Sahar, an Afghan woman in her 20s, says the Taliban has set up several roadblocks leading to the airport. She says Taliban fighters are "everywhere and heavily armed."

"They are forcibly pushing people away," says Sahar, who did not want to use her name for safety reasons. "They are beating people with sticks and whips and constantly firing warning shots in the air."

She says the situation outside the airport is “extremely chaotic.”

'Extreme Danger'

With each passing day, the danger to Afghans like Ahmad increases.

"I'm in extreme danger," Ahmad says. "I've worked with the U.S. government and U.S. organizations. I've received threats from the Taliban. They say they're coming for me."

The Taliban has pledged a blanket amnesty, even to those they previously fought. But residents in the capital say the reality is different.

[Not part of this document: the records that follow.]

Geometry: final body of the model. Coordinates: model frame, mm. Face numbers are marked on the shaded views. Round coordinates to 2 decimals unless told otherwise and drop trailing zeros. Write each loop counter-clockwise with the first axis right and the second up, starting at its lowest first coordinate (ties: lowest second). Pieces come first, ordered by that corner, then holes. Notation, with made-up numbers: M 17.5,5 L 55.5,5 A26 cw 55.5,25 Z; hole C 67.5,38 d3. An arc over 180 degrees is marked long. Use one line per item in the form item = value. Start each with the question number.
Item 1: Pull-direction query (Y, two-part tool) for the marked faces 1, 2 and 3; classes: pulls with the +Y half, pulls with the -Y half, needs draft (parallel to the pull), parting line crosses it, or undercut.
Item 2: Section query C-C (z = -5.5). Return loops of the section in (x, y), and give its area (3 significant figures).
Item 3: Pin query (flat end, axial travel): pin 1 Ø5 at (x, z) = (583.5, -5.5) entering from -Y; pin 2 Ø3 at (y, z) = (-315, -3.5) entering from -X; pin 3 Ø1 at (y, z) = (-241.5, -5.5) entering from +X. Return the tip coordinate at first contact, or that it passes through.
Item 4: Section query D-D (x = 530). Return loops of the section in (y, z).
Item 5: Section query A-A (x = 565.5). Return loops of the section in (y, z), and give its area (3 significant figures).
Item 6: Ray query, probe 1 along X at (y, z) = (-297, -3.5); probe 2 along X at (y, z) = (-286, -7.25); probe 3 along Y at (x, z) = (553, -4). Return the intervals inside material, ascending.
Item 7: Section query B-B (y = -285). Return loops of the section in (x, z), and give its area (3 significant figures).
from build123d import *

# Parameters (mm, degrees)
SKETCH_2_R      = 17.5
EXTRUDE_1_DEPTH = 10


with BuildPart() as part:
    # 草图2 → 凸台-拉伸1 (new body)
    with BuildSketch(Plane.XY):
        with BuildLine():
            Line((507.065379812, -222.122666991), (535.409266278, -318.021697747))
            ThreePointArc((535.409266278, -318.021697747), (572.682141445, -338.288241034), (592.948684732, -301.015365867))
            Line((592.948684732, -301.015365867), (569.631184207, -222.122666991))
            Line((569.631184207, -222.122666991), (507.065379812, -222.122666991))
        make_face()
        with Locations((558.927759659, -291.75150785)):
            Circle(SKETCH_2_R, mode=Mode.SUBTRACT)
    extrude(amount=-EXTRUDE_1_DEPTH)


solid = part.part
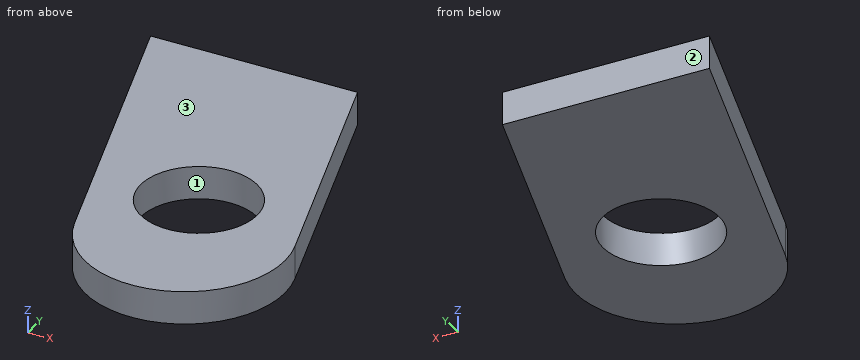
Working result:
q1.face_1 = undercut
q1.face_2 = pulls with the +Y half
q1.face_3 = needs draft
q2.outline = M 507.07,-222.12 L 535.41,-318.02 A30 ccw 592.95,-301.02 L 569.63,-222.12 Z; hole C 558.93,-291.75 d35
q2.area = 5,920 mm²
q3.pin_1 = -334.36
q3.pin_2 = 534.07
q3.pin_3 = 575.51
q4.outline = M -299.72,-10 L -222.12,-10 L -222.12,0 L -299.72,0 Z
q5.outline = M -339.49,-10 L -307.97,-10 L -307.97,0 L -339.49,0 Z; M -275.53,-10 L -222.12,-10 L -222.12,0 L -275.53,0 Z
q5.area = 849 mm²
q6.probe_1 = 529.2 to 542.23, 575.62 to 591.76
q6.probe_2 = 525.94 to 542.4, 575.46 to 588.51
q6.probe_3 = -337.36 to -308.22, -275.29 to -222.12
q7.outline = M 525.65,-10 L 542.78,-10 L 542.78,0 L 525.65,0 Z; M 575.07,-10 L 588.22,-10 L 588.22,0 L 575.07,0 Z
q7.area = 303 mm²

Taliban fighters have been going door-to-door in Kabul, rummaging through homes and sometimes beating, harassing, and kidnapping residents. Often they confiscate personal documents and mobile phones, locals say.

Residents say Taliban fighters are specifically targeting former government employees, ex-soldiers and police officers, and Afghans who worked with foreign governments and organizations.

Several Afghan residents said they have destroyed any documents tying them to the former government or work they had done for foreign entities.

The Taliban has largely shown restraint in Kabul, where there has not been widespread violence and killings.

But outside Kabul, away from the eyes of the world, the militants have summarily executed, imprisoned, and beaten former government officials, soldiers, and Afghans who worked for foreign forces.

The Taliban has reimposed many of its repressive laws and rules outside Kabul, despite pledges by a Taliban spokesman on August 17 that they will protect women’s rights and the free press that has flourished in Afghanistan in the past 20 years.

In many areas, the militants have banned women from leaving their homes without a male relative and barred women from working in many jobs outside their homes.

They have also severely curtailed girls’ education and even forced young girls and widowed women to marry Taliban fighters, local say.

“The Taliban haven’t changed,” says Tamim, a Kabul-based journalist who is in hiding with his young family of four. “Why do you think so many Afghans are desperately trying to leave?”

Tamim, who has been a vocal critic of the Taliban and Pakistan, the militant group's main foreign sponsor, says he has deleted his social-media accounts.

“I’m in hiding,” he says. “We are in a lot of danger. We have to be careful otherwise they will target our families.”

Even as the United States and other Western nations press on with evacuating their citizens and some of their Afghan staff from Kabul, millions of Afghans are left with few choices but to stay.

“There are no flights available and I don’t have a visa,” says Tamim. “I don’t know what will happen to me.”